Ich hoffe mir kann da jemand helfen, da ich die Leitung ja auch noch zum Arbeiten brauche und nicht die Zeit habe andauernd auf Fehlersuche zu gehen. =) Danke schonmal im Vorraus

MfG
blue


----------



## Dennis Wronka (17. Oktober 2005)

Ist in Deinem Router ein Switch oder ein Hub integriert?
Wenn ein Switch kannst Du nicht den ganzen Verkehr ueberwachen, da nur der Verkehr der fuer Dich bestimmt ist auch zu Dir kommt. Da hilft es auch nichts die Netzwerkkarte in den Promiscious-Mode zu schalten.
Ich glaube auch nicht, dass ein im Router integrierter Switch die Moeglichkeit bietet auf einem Port den gesamten Traffic zu spiegeln.
Wenn ein Hub integriert ist kannst Du mittels Software die Datenstroeme ueberwachen.

Ich haette jetzt zu Ethereal tendiert, jedoch siehst Du dort nur die Art des Traffics und nicht die genutzte Bandbreite.

Bietet Dein Router QoS (Quality of Service)? Dann kannst Du vielleicht damit Deinen Kollegen etwas ausbremsen.


----------



## bluex (17. Oktober 2005)

Naja wir haben das so:
Die Rechner hängen an einem Switch und der Switch selber hängt nochmal am Router. 
Der Router selber hat nen Hub und WLAN, welches wir allerdings zur Zeit nicht benutzen.

QoS hat des Teil glaube nicht. Is ja nur  von Siemens...


----------



## Dennis Wronka (18. Oktober 2005)

Siemens ist doch eigentlich keine schlechte Firma. Auch wenn die im Bereich Netzwerk wohl nicht so gross sind.

Hmm, das ist dann natuerlich alles etwas unguenstig.
Vielleicht kannst Du Dich direkt an den Router haengen und von dort aus den Verkehr ueberwachen. Immer vorausgesetzt da wird nicht geswitcht.

Ansonsten waere ich erstmal mit meinem Latein am Ende.


----------



## bluex (18. Oktober 2005)

Naja was Router angeht ist Siemens nicht gerad der aufgehende Stern am Nachthimmel.  Zu viele Stabilitätsprobleme, dann werden meist schnell noch ein paar Firmwareupdates hinterher geschoben, die das ganze erfahrungsgemäß meist noch verschlimmern, oder das eine Problem beseitigen, dafür aber wieder andere schaffen. Wenn man mal so in den Routerforen guckt ist es echt erschreckend wie viele user derart gravierende Verbindungsprobleme mit den Siemensroutern  haben. Hatte eigendlich auch mehr erwartet von einer solchen Firma. 

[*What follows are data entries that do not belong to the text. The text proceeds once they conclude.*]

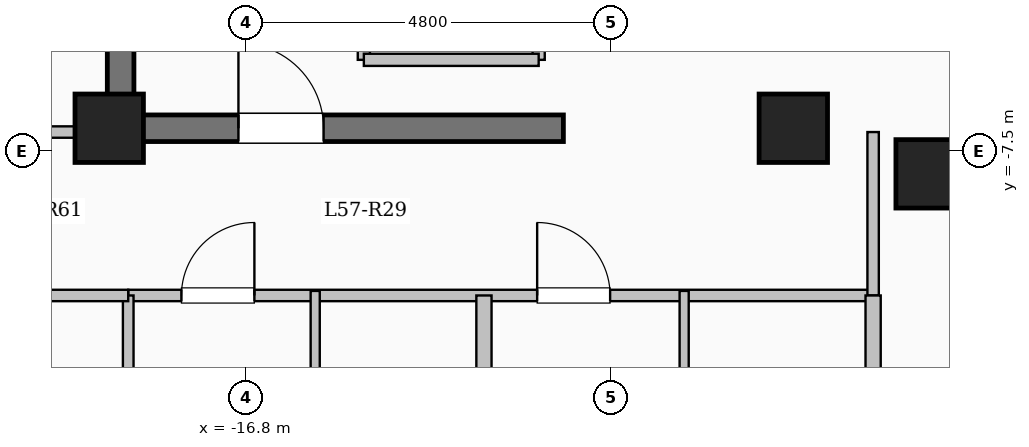
"""IFC4 building model, lengths in metres.
Left out: names, types, materials, properties, quantities, classifications, styles, units other than length and angle.
Written with IfcOpenShell. Run it as: python <this file> out.ifc"""

import sys

from ifc_helpers import new_model, si_unit, direction, frame, frame_2d, origin, origin_2d, place, context, subcontext, project, spatial, rectangle, extrude, element, fill, save


model = new_model("IFC4")
c1 = context("Model", 3, precision=1e-05, world=origin(), true_north=direction((0.0, 1.0)))
c2 = subcontext(c1, "Body", "Model", "MODEL_VIEW")
j1 = project(units=[si_unit("LENGTHUNIT", "METRE"), si_unit("PLANEANGLEUNIT", "RADIAN")], contexts=[c1])
p1 = place(None, origin())
s1 = spatial("IfcSite", under=j1, at=p1, CompositionType="ELEMENT")
p2 = place(p1, origin())
s2 = spatial("IfcBuilding", under=s1, at=p2, CompositionType="ELEMENT")
p3 = place(p2, frame((0.0, 0.0, 210.35)))
s3 = spatial("IfcBuildingStorey", under=s2, at=p3, CompositionType="ELEMENT", Elevation=210.35)
for number, where, z_axis, x_axis in (
    (1, (-7.8, -7.8, 0.0), (0.0, 0.0, 1.0), (1.0, 0.0, 0.0)),
    (2, (-9.6, -7.2, 0.0), (0.0, 0.0, 1.0), (1.0, 0.0, 0.0)),
    (3, (-18.6, -7.2, 0.0), (0.0, 0.0, 1.0), (1.0, 0.0, 0.0)),
):
    element("IfcColumn", number, at=place(p3, frame(where, z_axis=z_axis, x_axis=x_axis)), inside=s3, PredefinedType="COLUMN", context=c2, shape_type="SweptSolid", body=[
        extrude(rectangle(XDim=0.9, YDim=0.9, at=origin_2d()), origin(), (0.0, 0.0, 1.0), 3.35),
    ])
p4 = place(p3, frame((-15.25, -6.3, 0.0), z_axis=(0.0, 0.0, 1.0), x_axis=(0.0, 1.0, 0.0)))
e4 = element("IfcWall", 4, at=p4, inside=s3, PredefinedType="SOLIDWALL", context=c2, shape_type="SweptSolid", body=[
    extrude(rectangle(XDim=2.6, YDim=0.16, at=frame_2d((1.3, 0.0))), origin(), (0.0, 0.0, 1.0), 3.1),
])
p5 = place(p4, frame((0.75, 0.0, 0.0)))
e5 = element("IfcOpeningElement", 5, at=p5, cuts=e4, PredefinedType="OPENING", context=c2, shape_type="SweptSolid", body=[
    extrude(rectangle(XDim=1.1, YDim=2.15, at=frame_2d((0.55, 1.075))), frame((0.0, 0.09, 0.0), z_axis=(0.0, -1.0, 0.0), x_axis=(1.0, 0.0, 0.0)), (0.0, 0.0, 1.0), 0.18),
])
p6 = place(p3, frame((-12.95, -6.3, 0.0), z_axis=(0.0, 0.0, 1.0), x_axis=(0.0, 1.0, 0.0)))
e6 = element("IfcWall", 6, at=p6, inside=s3, PredefinedType="SOLIDWALL", context=c2, shape_type="SweptSolid", body=[
    extrude(rectangle(XDim=2.6, YDim=0.16, at=frame_2d((1.3, 0.0))), origin(), (0.0, 0.0, 1.0), 3.1),
])
p7 = place(p3, frame((-15.25, -6.3, 0.0), z_axis=(0.0, 0.0, 1.0), x_axis=(1.0, 0.0, 0.0)))
e7 = element("IfcWall", 7, at=p7, inside=s3, PredefinedType="SOLIDWALL", context=c2, shape_type="SweptSolid", body=[
    extrude(rectangle(XDim=2.3, YDim=0.16, at=frame_2d((1.15, 0.0))), origin(), (0.0, 0.0, 1.0), 3.1),
])
p8 = place(p3, frame((-18.45, -7.375, 0.0), z_axis=(0.0, 0.0, 1.0), x_axis=(0.0, 1.0, 0.0)))
e8 = element("IfcWall", 8, at=p8, inside=s3, PredefinedType="SHEAR", context=c2, shape_type="SweptSolid", body=[
    extrude(rectangle(XDim=14.05, YDim=0.35, at=frame_2d((7.025, 0.0))), origin(), (0.0, 0.0, 1.0), 3.35),
])
p9 = place(p3, frame((-18.625, -7.2, 0.0), z_axis=(0.0, 0.0, 1.0), x_axis=(1.0, 0.0, 0.0)))
e9 = element("IfcWall", 9, at=p9, inside=s3, PredefinedType="SHEAR", context=c2, shape_type="SweptSolid", body=[
    extrude(rectangle(XDim=6.0, YDim=0.35, at=frame_2d((3.0, 0.0))), origin(), (0.0, 0.0, 1.0), 3.35),
])
p10 = place(p9, frame((1.725, 0.0, 0.0)))
e10 = element("IfcOpeningElement", 10, at=p10, cuts=e9, PredefinedType="OPENING", context=c2, shape_type="SweptSolid", body=[
    extrude(rectangle(XDim=1.12, YDim=2.15, at=frame_2d((0.56, 1.075))), frame((0.0, 0.185, 0.0), z_axis=(0.0, -1.0, 0.0), x_axis=(1.0, 0.0, 0.0)), (0.0, 0.0, 1.0), 0.37),
])
p11 = place(p3, frame((-18.35, -9.4, 0.0), z_axis=(0.0, 0.0, 1.0), x_axis=(1.0, 0.0, 0.0)))
e11 = element("IfcWall", 11, at=p11, inside=s3, PredefinedType="PARTITIONING", context=c2, shape_type="SweptSolid", body=[
    extrude(rectangle(XDim=9.8, YDim=0.15, at=frame_2d((4.9, 0.0))), origin(), (0.0, 0.0, 1.0), 3.1),
])
p12 = place(p11, frame((0.7, 0.0, 0.0)))
e12 = element("IfcOpeningElement", 12, at=p12, cuts=e11, PredefinedType="OPENING", context=c2, shape_type="SweptSolid", body=[
    extrude(rectangle(XDim=0.96, YDim=2.15, at=frame_2d((0.48, 1.075))), frame((0.0, 0.085, 0.0), z_axis=(0.0, -1.0, 0.0), x_axis=(1.0, 0.0, 0.0)), (0.0, 0.0, 1.0), 0.17),
])
p13 = place(p11, frame((5.38, 0.0, 0.0)))
e13 = element("IfcOpeningElement", 13, at=p13, cuts=e11, PredefinedType="OPENING", context=c2, shape_type="SweptSolid", body=[
    extrude(rectangle(XDim=0.96, YDim=2.15, at=frame_2d((0.48, 1.075))), frame((0.0, 0.085, 0.0), z_axis=(0.0, -1.0, 0.0), x_axis=(1.0, 0.0, 0.0)), (0.0, 0.0, 1.0), 0.17),
])
p14 = place(p3, frame((-8.55, -9.4, 0.0), z_axis=(0.0, 0.0, 1.0), x_axis=(0.0, 1.0, 0.0)))
e14 = element("IfcWall", 14, at=p14, inside=s3, PredefinedType="PARTITIONING", context=c2, shape_type="SweptSolid", body=[
    extrude(rectangle(XDim=2.15, YDim=0.15, at=frame_2d((1.075, 0.0))), origin(), (0.0, 0.0, 1.0), 3.1),
])
p15 = place(p3, frame((-13.67, -20.9, 0.0), z_axis=(0.0, 0.0, 1.0), x_axis=(0.0, 1.0, 0.0)))
e15 = element("IfcWall", 15, at=p15, inside=s3, PredefinedType="SOLIDWALL", context=c2, shape_type="SweptSolid", body=[
    extrude(rectangle(XDim=11.5, YDim=0.2, at=frame_2d((5.75, 0.0))), origin(), (0.0, 0.0, 1.0), 3.1),
])
p16 = place(p3, frame((-15.89, -12.56, 0.0), z_axis=(0.0, 0.0, 1.0), x_axis=(0.0, 1.0, 0.0)))
e16 = element("IfcWall", 16, at=p16, inside=s3, PredefinedType="PARTITIONING", context=c2, shape_type="SweptSolid", body=[
    extrude(rectangle(XDim=3.22, YDim=0.12, at=frame_2d((1.61, 0.0))), origin(), (0.0, 0.0, 1.0), 3.1),
])
p17 = place(p16, frame((1.14, 0.0, 0.0)))
e17 = element("IfcOpeningElement", 17, at=p17, cuts=e16, PredefinedType="OPENING", context=c2, shape_type="SweptSolid", body=[
    extrude(rectangle(XDim=0.88, YDim=2.1, at=frame_2d((0.44, 1.05))), frame((0.0, 0.07, 0.0), z_axis=(0.0, -1.0, 0.0), x_axis=(1.0, 0.0, 0.0)), (0.0, 0.0, 1.0), 0.14),
])
p18 = place(p3, frame((-11.036, -12.56, 0.0), z_axis=(0.0, 0.0, 1.0), x_axis=(0.0, 1.0, 0.0)))
e18 = element("IfcWall", 18, at=p18, inside=s3, PredefinedType="PARTITIONING", context=c2, shape_type="SweptSolid", body=[
    extrude(rectangle(XDim=3.22, YDim=0.12, at=frame_2d((1.61, 0.0))), origin(), (0.0, 0.0, 1.0), 3.1),
])
p19 = place(p18, frame((1.14, 0.0, 0.0)))
e19 = element("IfcOpeningElement", 19, at=p19, cuts=e18, PredefinedType="OPENING", context=c2, shape_type="SweptSolid", body=[
    extrude(rectangle(XDim=0.88, YDim=2.1, at=frame_2d((0.44, 1.05))), frame((0.0, 0.07, 0.0), z_axis=(0.0, -1.0, 0.0), x_axis=(1.0, 0.0, 0.0)), (0.0, 0.0, 1.0), 0.14),
])
p20 = place(p3, frame((-8.55, -21.504, 0.0), z_axis=(0.0, 0.0, 1.0), x_axis=(0.0, 1.0, 0.0)))
e20 = element("IfcWall", 20, at=p20, inside=s3, PredefinedType="SOLIDWALL", context=c2, shape_type="SweptSolid", body=[
    extrude(rectangle(XDim=12.104, YDim=0.2, at=frame_2d((6.052, 0.0))), origin(), (0.0, 0.0, 1.0), 3.1),
])
p21 = place(p3, frame((-23.58, -7.25, 0.0), z_axis=(0.0, 0.0, 1.0), x_axis=(1.0, 0.0, 0.0)))
e21 = element("IfcWall", 21, at=p21, inside=s3, PredefinedType="PARTITIONING", context=c2, shape_type="SweptSolid", body=[
    extrude(rectangle(XDim=5.13, YDim=0.15, at=frame_2d((2.565, 0.0))), origin(), (0.0, 0.0, 1.0), 3.1),
])
p22 = place(p21, frame((2.18, 0.0, 0.0)))
e22 = element("IfcOpeningElement", 22, at=p22, cuts=e21, PredefinedType="OPENING", context=c2, shape_type="SweptSolid", body=[
    extrude(rectangle(XDim=0.96, YDim=2.15, at=frame_2d((0.48, 1.075))), frame((0.0, 0.085, 0.0), z_axis=(0.0, -1.0, 0.0), x_axis=(1.0, 0.0, 0.0)), (0.0, 0.0, 1.0), 0.17),
])
p23 = place(p3, frame((-18.35, -17.25, 0.0), z_axis=(0.0, 0.0, 1.0), x_axis=(0.0, 1.0, 0.0)))
e23 = element("IfcWall", 23, at=p23, inside=s3, PredefinedType="PARTITIONING", context=c2, shape_type="SweptSolid", body=[
    extrude(rectangle(XDim=7.85, YDim=0.14, at=frame_2d((3.925, 0.0))), origin(), (0.0, 0.0, 1.0), 3.1),
])
p24 = place(p3, frame((-23.58, -9.4, 0.0), z_axis=(0.0, 0.0, 1.0), x_axis=(1.0, 0.0, 0.0)))
e24 = element("IfcWall", 24, at=p24, inside=s3, PredefinedType="PARTITIONING", context=c2, shape_type="SweptSolid", body=[
    extrude(rectangle(XDim=5.23, YDim=0.15, at=frame_2d((2.615, 0.0))), origin(), (0.0, 0.0, 1.0), 3.1),
])
p25 = place(p24, frame((2.14, 0.0, 0.0)))
e25 = element("IfcOpeningElement", 25, at=p25, cuts=e24, PredefinedType="OPENING", context=c2, shape_type="SweptSolid", body=[
    extrude(rectangle(XDim=0.95, YDim=2.15, at=frame_2d((0.475, 1.075))), frame((0.0, 0.085, 0.0), z_axis=(0.0, -1.0, 0.0), x_axis=(1.0, 0.0, 0.0)), (0.0, 0.0, 1.0), 0.17),
])
p26 = place(p10, origin())
e26 = element("IfcDoor", 26, at=p26, inside=s3, OperationType="SINGLE_SWING_LEFT", PredefinedType="DOOR", context=c2, shape_type="SweptSolid", body=[
    extrude(rectangle(XDim=1.12, YDim=2.15, at=frame_2d((0.56, 1.075))), frame((0.0, 0.025, 0.0), z_axis=(0.0, -1.0, 0.0), x_axis=(1.0, 0.0, 0.0)), (0.0, 0.0, 1.0), 0.05),
])
fill(e10, e26)
p27 = place(p12, origin())
e27 = element("IfcDoor", 27, at=p27, inside=s3, OperationType="SINGLE_SWING_RIGHT", PredefinedType="DOOR", context=c2, shape_type="SweptSolid", body=[
    extrude(rectangle(XDim=0.96, YDim=2.15, at=frame_2d((0.48, 1.075))), frame((0.0, 0.025, 0.0), z_axis=(0.0, -1.0, 0.0), x_axis=(1.0, 0.0, 0.0)), (0.0, 0.0, 1.0), 0.05),
])
fill(e12, e27)
p28 = place(p13, origin())
e28 = element("IfcDoor", 28, at=p28, inside=s3, OperationType="SINGLE_SWING_LEFT", PredefinedType="DOOR", context=c2, shape_type="SweptSolid", body=[
    extrude(rectangle(XDim=0.96, YDim=2.15, at=frame_2d((0.48, 1.075))), frame((0.0, 0.025, 0.0), z_axis=(0.0, -1.0, 0.0), x_axis=(1.0, 0.0, 0.0)), (0.0, 0.0, 1.0), 0.05),
])
fill(e13, e28)
save(model, sys.argv[1])

Gut dann werd ich mich mal direkt an den Router klemmen. =)
Danke für die Hilfe.

MfG
Blue


----------



## Dennis Wronka (18. Oktober 2005)

Dann scheint auf Siemens-Router ja diese alte Windows-Weisheit auch zuzutreffen.


> 63,000 bugs in the code, 63,000 bugs,
> ya get 1 whacked with a service pack,
> now there's 63,005 bugs in the code!!



Um zu testen ob Du alles an Verkehr beobachten kannst kannst Du ja mal Ethereal ausprobieren.
Ist ein sehr gutes Tool um den Traffic zu ueberwachen. Jedoch ist es fuer das was Du machen willst, das Ueberwachen der Bandbreite, nicht geeignet.
Dafuer kannst Du ziemlich genau sehen welche Seiten aufgerufen werden und sowas.


----------



## bluex (19. Oktober 2005)

hehe 
Ja scheint so. =) 

Hab jetzt Ethereal am laufen und des zeigt mir auch alles mögliche an, naja nur nich den Traffic. Aber hab des Prob jetzt anders gelöst.... hab ihm ne halbe Stunde ne Standpauke gehalten und gedroht, jedes mal wenn ich auch nur den verdacht habe einfach seinen Stecker zu ziehen....... lol Mein Ping ist jetzt wieder normal und alles geht seinen gewohnten Verbindungsgang =)

Trotzdem danke für die Hilfe. =)

MfG
blue


----------



## Dennis Wronka (20. Oktober 2005)

Nichts zu danken.

Ich wuensche Dir noch viel Spass mit Deiner nun hoffentlich dauerhaft ungestoerten Verbindung.


----------